The weeping would come later, he knew, the rages and the useless complaints. But for now he settled himself down in the field and waited for the stars to come, tenderly probing the contours and crevices of his hideous flesh, gingerly acquainting himself with this new knowledge that he was monstrous of limb and monstrous of head, but most of all monstrous in his heart.
THE
HIGH
CHAIR
He woke up numb, as he did so many mornings these days, his lower legs, lower arms like unappealing cuts of meat he’d forgotten to stick into the freezer. He was forgetting too many things—names, favourite places, words with specific and useful meanings—but he wasn’t too distressed about it. Perhaps he had simply forgotten to be distressed. People had far too many names, places, and words in their lives. They so crowded out what was important that importance was forgotten, filling life rapidly with trivia.

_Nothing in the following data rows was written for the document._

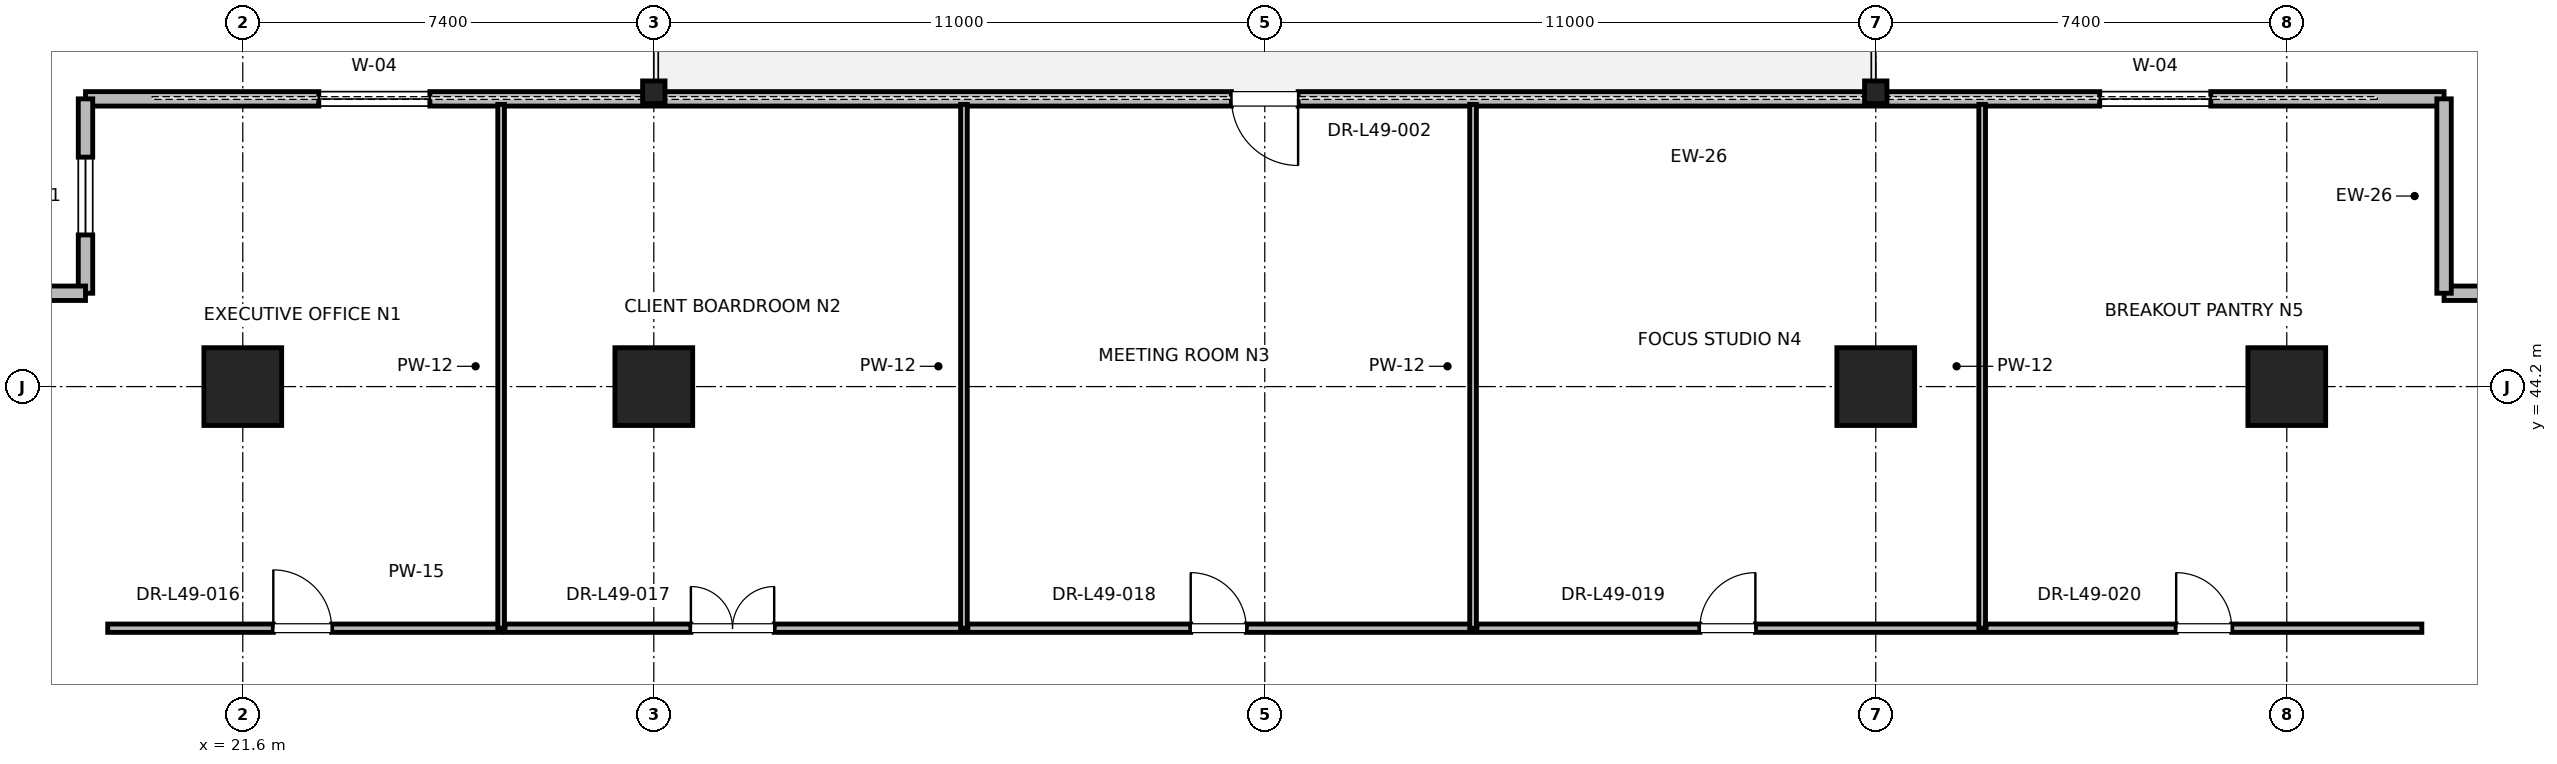
"""IFC4 building model, lengths in metres.
Left out: names, types, materials, properties, quantities, classifications, styles, units other than length and angle.
Written with IfcOpenShell. Run it as: python <this file> out.ifc"""

import sys

from ifc_helpers import new_model, si_unit, direction, frame, frame_2d, origin, origin_2d, place, context, subcontext, project, spatial, rectangle, i_section, extrude, element, fill, save


model = new_model("IFC4")
c1 = context("Model", 3, precision=1e-05, world=origin(), true_north=direction((0.0, 1.0)))
c2 = subcontext(c1, "Body", "Model", "MODEL_VIEW")
j1 = project(units=[si_unit("LENGTHUNIT", "METRE"), si_unit("PLANEANGLEUNIT", "RADIAN")], contexts=[c1])
p1 = place(None, origin())
s1 = spatial("IfcSite", under=j1, at=p1, CompositionType="ELEMENT")
p2 = place(p1, origin())
s2 = spatial("IfcBuilding", under=s1, at=p2, CompositionType="ELEMENT")
p3 = place(p2, frame((0.0, 0.0, 213.2)))
s3 = spatial("IfcBuildingStorey", under=s2, at=p3, CompositionType="ELEMENT", Elevation=213.2)
for number, where, z_axis, x_axis in (
    (1, (29.0, 44.2, 0.0), (0.0, 0.0, 1.0), (1.0, 0.0, 0.0)),
    (2, (51.0, 44.2, 0.0), (0.0, 0.0, 1.0), (1.0, 0.0, 0.0)),
    (3, (21.6, 44.2, 0.0), (0.0, 0.0, 1.0), (1.0, 0.0, 0.0)),
    (4, (58.4, 44.2, 0.0), (0.0, 0.0, 1.0), (1.0, 0.0, 0.0)),
):
    element("IfcColumn", number, at=place(p3, frame(where, z_axis=z_axis, x_axis=x_axis)), inside=s3, PredefinedType="COLUMN", context=c2, shape_type="SweptSolid", body=[
        extrude(rectangle(XDim=1.4, YDim=1.4, at=origin_2d()), origin(), (0.0, 0.0, 1.0), 4.0),
    ])
for number, where, z_axis, x_axis in (
    (5, (29.0, 49.5, 0.0), (0.0, 0.0, 1.0), (1.0, 0.0, 0.0)),
    (6, (51.0, 49.5, 0.0), (0.0, 0.0, 1.0), (1.0, 0.0, 0.0)),
):
    element("IfcColumn", number, at=place(p3, frame(where, z_axis=z_axis, x_axis=x_axis)), inside=s3, PredefinedType="COLUMN", context=c2, shape_type="SweptSolid", body=[
        extrude(i_section(OverallWidth=0.403, OverallDepth=0.406, WebThickness=0.027, FlangeThickness=0.043, FilletRadius=0.015, at=origin_2d()), origin(), (0.0, 0.0, 1.0), 4.0),
    ])
p4 = place(p3, frame((61.232, 49.381, 0.0), z_axis=(0.0, 0.0, 1.0), x_axis=(-1.0, 0.0, 0.0)))
e7 = element("IfcWall", 7, at=p4, inside=s3, PredefinedType="PARAPET", context=c2, shape_type="SweptSolid", body=[
    extrude(rectangle(XDim=42.463, YDim=0.26, at=frame_2d((21.232, 0.0))), origin(), (0.0, 0.0, 1.0), 3.047),
])
p5 = place(p4, frame((4.2, 0.0, 0.85)))
e8 = element("IfcOpeningElement", 8, at=p5, cuts=e7, PredefinedType="OPENING", context=c2, shape_type="SweptSolid", body=[
    extrude(rectangle(XDim=2.0, YDim=2.3, at=frame_2d((1.0, 1.15))), frame((0.0, 0.13, 0.0), z_axis=(0.0, -1.0, 0.0), x_axis=(1.0, 0.0, 0.0)), (0.0, 0.0, 1.0), 0.26),
])
p6 = place(p4, frame((20.632, 0.0, 0.0)))
e9 = element("IfcOpeningElement", 9, at=p6, cuts=e7, PredefinedType="OPENING", context=c2, shape_type="SweptSolid", body=[
    extrude(rectangle(XDim=1.2, YDim=2.2, at=frame_2d((0.6, 1.1))), frame((0.0, 0.13, 0.0), z_axis=(0.0, -1.0, 0.0), x_axis=(1.0, 0.0, 0.0)), (0.0, 0.0, 1.0), 0.26),
])
p7 = place(p4, frame((36.263, 0.0, 0.85)))
e10 = element("IfcOpeningElement", 10, at=p7, cuts=e7, PredefinedType="OPENING", context=c2, shape_type="SweptSolid", body=[
    extrude(rectangle(XDim=2.0, YDim=2.3, at=frame_2d((1.0, 1.15))), frame((0.0, 0.13, 0.0), z_axis=(0.0, -1.0, 0.0), x_axis=(1.0, 0.0, 0.0)), (0.0, 0.0, 1.0), 0.26),
])
p8 = place(p3, frame((65.232, 45.881, 0.0), z_axis=(0.0, 0.0, 1.0), x_axis=(-1.0, 0.0, 0.0)))
e11 = element("IfcWall", 11, at=p8, inside=s3, PredefinedType="PARAPET", context=c2, shape_type="SweptSolid", body=[
    extrude(rectangle(XDim=4.0, YDim=0.26, at=frame_2d((2.0, 0.0))), origin(), (0.0, 0.0, 1.0), 3.775),
])
p9 = place(p8, frame((1.3, 0.0, 0.85)))
e12 = element("IfcOpeningElement", 12, at=p9, cuts=e11, PredefinedType="OPENING", context=c2, shape_type="SweptSolid", body=[
    extrude(rectangle(XDim=1.4, YDim=2.0, at=frame_2d((0.7, 1.0))), frame((0.0, 0.13, 0.0), z_axis=(0.0, -1.0, 0.0), x_axis=(1.0, 0.0, 0.0)), (0.0, 0.0, 1.0), 0.26),
])
p10 = place(p3, frame((61.232, 45.881, 0.0), z_axis=(0.0, 0.0, 1.0), x_axis=(0.0, 1.0, 0.0)))
e13 = element("IfcWall", 13, at=p10, inside=s3, PredefinedType="PARAPET", context=c2, shape_type="SweptSolid", body=[
    extrude(rectangle(XDim=3.5, YDim=0.26, at=frame_2d((1.75, 0.0))), origin(), (0.0, 0.0, 1.0), 3.775),
])
p11 = place(p3, frame((18.768, 49.381, 0.0), z_axis=(0.0, 0.0, 1.0), x_axis=(0.0, -1.0, 0.0)))
e14 = element("IfcWall", 14, at=p11, inside=s3, PredefinedType="PARAPET", context=c2, shape_type="SweptSolid", body=[
    extrude(rectangle(XDim=3.5, YDim=0.26, at=frame_2d((1.75, 0.0))), origin(), (0.0, 0.0, 1.0), 3.775),
])
p12 = place(p11, frame((1.05, 0.0, 0.85)))
e15 = element("IfcOpeningElement", 15, at=p12, cuts=e14, PredefinedType="OPENING", context=c2, shape_type="SweptSolid", body=[
    extrude(rectangle(XDim=1.4, YDim=2.0, at=frame_2d((0.7, 1.0))), frame((0.0, 0.13, 0.0), z_axis=(0.0, -1.0, 0.0), x_axis=(1.0, 0.0, 0.0)), (0.0, 0.0, 1.0), 0.26),
])
p13 = place(p3, frame((18.768, 45.881, 0.0), z_axis=(0.0, 0.0, 1.0), x_axis=(-1.0, 0.0, 0.0)))
e16 = element("IfcWall", 16, at=p13, inside=s3, PredefinedType="PARAPET", context=c2, shape_type="SweptSolid", body=[
    extrude(rectangle(XDim=4.0, YDim=0.26, at=frame_2d((2.0, 0.0))), origin(), (0.0, 0.0, 1.0), 3.775),
])
p14 = place(p3, frame((19.168, 39.85, 0.0), z_axis=(0.0, 0.0, 1.0), x_axis=(1.0, 0.0, 0.0)))
e17 = element("IfcWall", 17, at=p14, inside=s3, PredefinedType="PARTITIONING", context=c2, shape_type="SweptSolid", body=[
    extrude(rectangle(XDim=7.083, YDim=0.15, at=frame_2d((3.542, 0.0))), origin(), (0.0, 0.0, 1.0), 2.85),
])
p15 = place(p14, frame((2.981, 0.0, 0.0)))
e18 = element("IfcOpeningElement", 18, at=p15, cuts=e17, PredefinedType="OPENING", context=c2, shape_type="SweptSolid", body=[
    extrude(rectangle(XDim=1.05, YDim=2.2, at=frame_2d((0.525, 1.1))), frame((0.0, 0.075, 0.0), z_axis=(0.0, -1.0, 0.0), x_axis=(1.0, 0.0, 0.0)), (0.0, 0.0, 1.0), 0.15),
])
p16 = place(p3, frame((26.251, 39.85, 0.0), z_axis=(0.0, 0.0, 1.0), x_axis=(0.0, 1.0, 0.0)))
e19 = element("IfcWall", 19, at=p16, inside=s3, PredefinedType="PARTITIONING", context=c2, shape_type="SweptSolid", body=[
    extrude(rectangle(XDim=9.43, YDim=0.12, at=frame_2d((4.715, 0.0))), origin(), (0.0, 0.0, 1.0), 2.85),
])
p17 = place(p3, frame((26.321, 39.85, 0.0), z_axis=(0.0, 0.0, 1.0), x_axis=(1.0, 0.0, 0.0)))
e20 = element("IfcWall", 20, at=p17, inside=s3, PredefinedType="PARTITIONING", context=c2, shape_type="SweptSolid", body=[
    extrude(rectangle(XDim=8.263, YDim=0.15, at=frame_2d((4.131, 0.0))), origin(), (0.0, 0.0, 1.0), 2.85),
])
p18 = place(p17, frame((3.346, 0.0, 0.0)))
e21 = element("IfcOpeningElement", 21, at=p18, cuts=e20, PredefinedType="OPENING", context=c2, shape_type="SweptSolid", body=[
    extrude(rectangle(XDim=1.5, YDim=2.25, at=frame_2d((0.75, 1.125))), frame((0.0, 0.075, 0.0), z_axis=(0.0, -1.0, 0.0), x_axis=(1.0, 0.0, 0.0)), (0.0, 0.0, 1.0), 0.15),
])
p19 = place(p3, frame((34.584, 39.85, 0.0), z_axis=(0.0, 0.0, 1.0), x_axis=(0.0, 1.0, 0.0)))
e22 = element("IfcWall", 22, at=p19, inside=s3, PredefinedType="PARTITIONING", context=c2, shape_type="SweptSolid", body=[
    extrude(rectangle(XDim=9.43, YDim=0.12, at=frame_2d((4.715, 0.0))), origin(), (0.0, 0.0, 1.0), 2.405),
])
p20 = place(p3, frame((34.654, 39.85, 0.0), z_axis=(0.0, 0.0, 1.0), x_axis=(1.0, 0.0, 0.0)))
e23 = element("IfcWall", 23, at=p20, inside=s3, PredefinedType="PARTITIONING", context=c2, shape_type="SweptSolid", body=[
    extrude(rectangle(XDim=9.096, YDim=0.15, at=frame_2d((4.548, 0.0))), origin(), (0.0, 0.0, 1.0), 2.85),
])
p21 = place(p20, frame((4.013, 0.0, 0.0)))
e24 = element("IfcOpeningElement", 24, at=p21, cuts=e23, PredefinedType="OPENING", context=c2, shape_type="SweptSolid", body=[
    extrude(rectangle(XDim=1.0, YDim=2.15, at=frame_2d((0.5, 1.075))), frame((0.0, 0.075, 0.0), z_axis=(0.0, -1.0, 0.0), x_axis=(1.0, 0.0, 0.0)), (0.0, 0.0, 1.0), 0.15),
])
p22 = place(p3, frame((43.75, 39.85, 0.0), z_axis=(0.0, 0.0, 1.0), x_axis=(0.0, 1.0, 0.0)))
e25 = element("IfcWall", 25, at=p22, inside=s3, PredefinedType="PARTITIONING", context=c2, shape_type="SweptSolid", body=[
    extrude(rectangle(XDim=9.43, YDim=0.12, at=frame_2d((4.715, 0.0))), origin(), (0.0, 0.0, 1.0), 2.405),
])
p23 = place(p3, frame((43.82, 39.85, 0.0), z_axis=(0.0, 0.0, 1.0), x_axis=(1.0, 0.0, 0.0)))
e26 = element("IfcWall", 26, at=p23, inside=s3, PredefinedType="PARTITIONING", context=c2, shape_type="SweptSolid", body=[
    extrude(rectangle(XDim=9.096, YDim=0.15, at=frame_2d((4.548, 0.0))), origin(), (0.0, 0.0, 1.0), 2.85),
])
p24 = place(p23, frame((4.013, 0.0, 0.0)))
e27 = element("IfcOpeningElement", 27, at=p24, cuts=e26, PredefinedType="OPENING", context=c2, shape_type="SweptSolid", body=[
    extrude(rectangle(XDim=1.0, YDim=2.15, at=frame_2d((0.5, 1.075))), frame((0.0, 0.075, 0.0), z_axis=(0.0, -1.0, 0.0), x_axis=(1.0, 0.0, 0.0)), (0.0, 0.0, 1.0), 0.15),
])
p25 = place(p3, frame((52.916, 39.85, 0.0), z_axis=(0.0, 0.0, 1.0), x_axis=(0.0, 1.0, 0.0)))
e28 = element("IfcWall", 28, at=p25, inside=s3, PredefinedType="PARTITIONING", context=c2, shape_type="SweptSolid", body=[
    extrude(rectangle(XDim=9.43, YDim=0.12, at=frame_2d((4.715, 0.0))), origin(), (0.0, 0.0, 1.0), 2.85),
])
p26 = place(p3, frame((52.986, 39.85, 0.0), z_axis=(0.0, 0.0, 1.0), x_axis=(1.0, 0.0, 0.0)))
e29 = element("IfcWall", 29, at=p26, inside=s3, PredefinedType="PARTITIONING", context=c2, shape_type="SweptSolid", body=[
    extrude(rectangle(XDim=7.846, YDim=0.15, at=frame_2d((3.923, 0.0))), origin(), (0.0, 0.0, 1.0), 2.85),
])
p27 = place(p26, frame((3.423, 0.0, 0.0)))
e30 = element("IfcOpeningElement", 30, at=p27, cuts=e29, PredefinedType="OPENING", context=c2, shape_type="SweptSolid", body=[
    extrude(rectangle(XDim=1.0, YDim=2.15, at=frame_2d((0.5, 1.075))), frame((0.0, 0.075, 0.0), z_axis=(0.0, -1.0, 0.0), x_axis=(1.0, 0.0, 0.0)), (0.0, 0.0, 1.0), 0.15),
])
p28 = place(p5, origin())
e31 = element("IfcWindow", 31, at=p28, inside=s3, PartitioningType="SINGLE_PANEL", PredefinedType="WINDOW", context=c2, shape_type="SweptSolid", body=[
    extrude(rectangle(XDim=2.0, YDim=2.3, at=frame_2d((1.0, 1.15))), frame((0.0, 0.03, 0.0), z_axis=(0.0, -1.0, 0.0), x_axis=(1.0, 0.0, 0.0)), (0.0, 0.0, 1.0), 0.06),
])
fill(e8, e31)
p29 = place(p6, origin())
e32 = element("IfcDoor", 32, at=p29, inside=s3, OperationType="SINGLE_SWING_LEFT", PredefinedType="DOOR", context=c2, shape_type="SweptSolid", body=[
    extrude(rectangle(XDim=1.2, YDim=2.2, at=frame_2d((0.6, 1.1))), frame((0.0, 0.025, 0.0), z_axis=(0.0, -1.0, 0.0), x_axis=(1.0, 0.0, 0.0)), (0.0, 0.0, 1.0), 0.05),
])
fill(e9, e32)
p30 = place(p7, origin())
e33 = element("IfcWindow", 33, at=p30, inside=s3, PartitioningType="SINGLE_PANEL", PredefinedType="WINDOW", context=c2, shape_type="SweptSolid", body=[
    extrude(rectangle(XDim=2.0, YDim=2.3, at=frame_2d((1.0, 1.15))), frame((0.0, 0.03, 0.0), z_axis=(0.0, -1.0, 0.0), x_axis=(1.0, 0.0, 0.0)), (0.0, 0.0, 1.0), 0.06),
])
fill(e10, e33)
p31 = place(p12, origin())
e34 = element("IfcWindow", 34, at=p31, inside=s3, PartitioningType="SINGLE_PANEL", PredefinedType="WINDOW", context=c2, shape_type="SweptSolid", body=[
    extrude(rectangle(XDim=1.4, YDim=2.0, at=frame_2d((0.7, 1.0))), frame((0.0, 0.03, 0.0), z_axis=(0.0, -1.0, 0.0), x_axis=(1.0, 0.0, 0.0)), (0.0, 0.0, 1.0), 0.06),
])
fill(e15, e34)
p32 = place(p15, origin())
e35 = element("IfcDoor", 35, at=p32, inside=s3, OperationType="SINGLE_SWING_LEFT", PredefinedType="DOOR", context=c2, shape_type="SweptSolid", body=[
    extrude(rectangle(XDim=1.05, YDim=2.2, at=frame_2d((0.525, 1.1))), frame((0.0, 0.025, 0.0), z_axis=(0.0, -1.0, 0.0), x_axis=(1.0, 0.0, 0.0)), (0.0, 0.0, 1.0), 0.05),
])
fill(e18, e35)
p33 = place(p18, origin())
e36 = element("IfcDoor", 36, at=p33, inside=s3, OperationType="DOUBLE_DOOR_SINGLE_SWING", PredefinedType="DOOR", context=c2, shape_type="SweptSolid", body=[
    extrude(rectangle(XDim=1.5, YDim=2.25, at=frame_2d((0.75, 1.125))), frame((0.0, 0.025, 0.0), z_axis=(0.0, -1.0, 0.0), x_axis=(1.0, 0.0, 0.0)), (0.0, 0.0, 1.0), 0.05),
])
fill(e21, e36)
p34 = place(p21, origin())
e37 = element("IfcDoor", 37, at=p34, inside=s3, OperationType="SINGLE_SWING_LEFT", PredefinedType="DOOR", context=c2, shape_type="SweptSolid", body=[
    extrude(rectangle(XDim=1.0, YDim=2.15, at=frame_2d((0.5, 1.075))), frame((0.0, 0.025, 0.0), z_axis=(0.0, -1.0, 0.0), x_axis=(1.0, 0.0, 0.0)), (0.0, 0.0, 1.0), 0.05),
])
fill(e24, e37)
p35 = place(p24, origin())
e38 = element("IfcDoor", 38, at=p35, inside=s3, OperationType="SINGLE_SWING_RIGHT", PredefinedType="DOOR", context=c2, shape_type="SweptSolid", body=[
    extrude(rectangle(XDim=1.0, YDim=2.15, at=frame_2d((0.5, 1.075))), frame((0.0, 0.025, 0.0), z_axis=(0.0, -1.0, 0.0), x_axis=(1.0, 0.0, 0.0)), (0.0, 0.0, 1.0), 0.05),
])
fill(e27, e38)
p36 = place(p27, origin())
e39 = element("IfcDoor", 39, at=p36, inside=s3, OperationType="SINGLE_SWING_LEFT", PredefinedType="DOOR", context=c2, shape_type="SweptSolid", body=[
    extrude(rectangle(XDim=1.0, YDim=2.15, at=frame_2d((0.5, 1.075))), frame((0.0, 0.025, 0.0), z_axis=(0.0, -1.0, 0.0), x_axis=(1.0, 0.0, 0.0)), (0.0, 0.0, 1.0), 0.05),
])
fill(e30, e39)
save(model, sys.argv[1])

Swinging out of the covers, he planted his feet on the floor, where they remained. They tingled painfully, the tingling spreading into an ache that flowed up his legs. He stared at his misshapen toenails. He thought perhaps he had forgotten something he should be doing about sleeping, some trick his doctor may have told him about. Don’t sleep with your ankles crossed—your feet will be dead in the morning. Something like that. His doctor was full of tips. But he couldn’t remember half of them. Pat would remember that sort of thing—she always made notes about those “life tips,” whatever you called them. Of course he couldn’t remember the precise word. But he had the gist of it, didn’t he? Gist. Now there was a mighty good word. It summed him up perfectly. He wasn’t Byron Wembley anymore. He was the gist of Byron Wembley. But hell, what more did he need?
Out of the bathroom his legs felt better going down the hall. Blood was pumping, the internal furnace was coming on. Outdated and inefficient, but good enough for the job at hand. Soon enough there’d be colour in his cheeks and Pat wouldn’t have to say, “What’s wrong? You look like a ghost.” Every day, practically, as if it were some new discovery. She didn’t hear herself.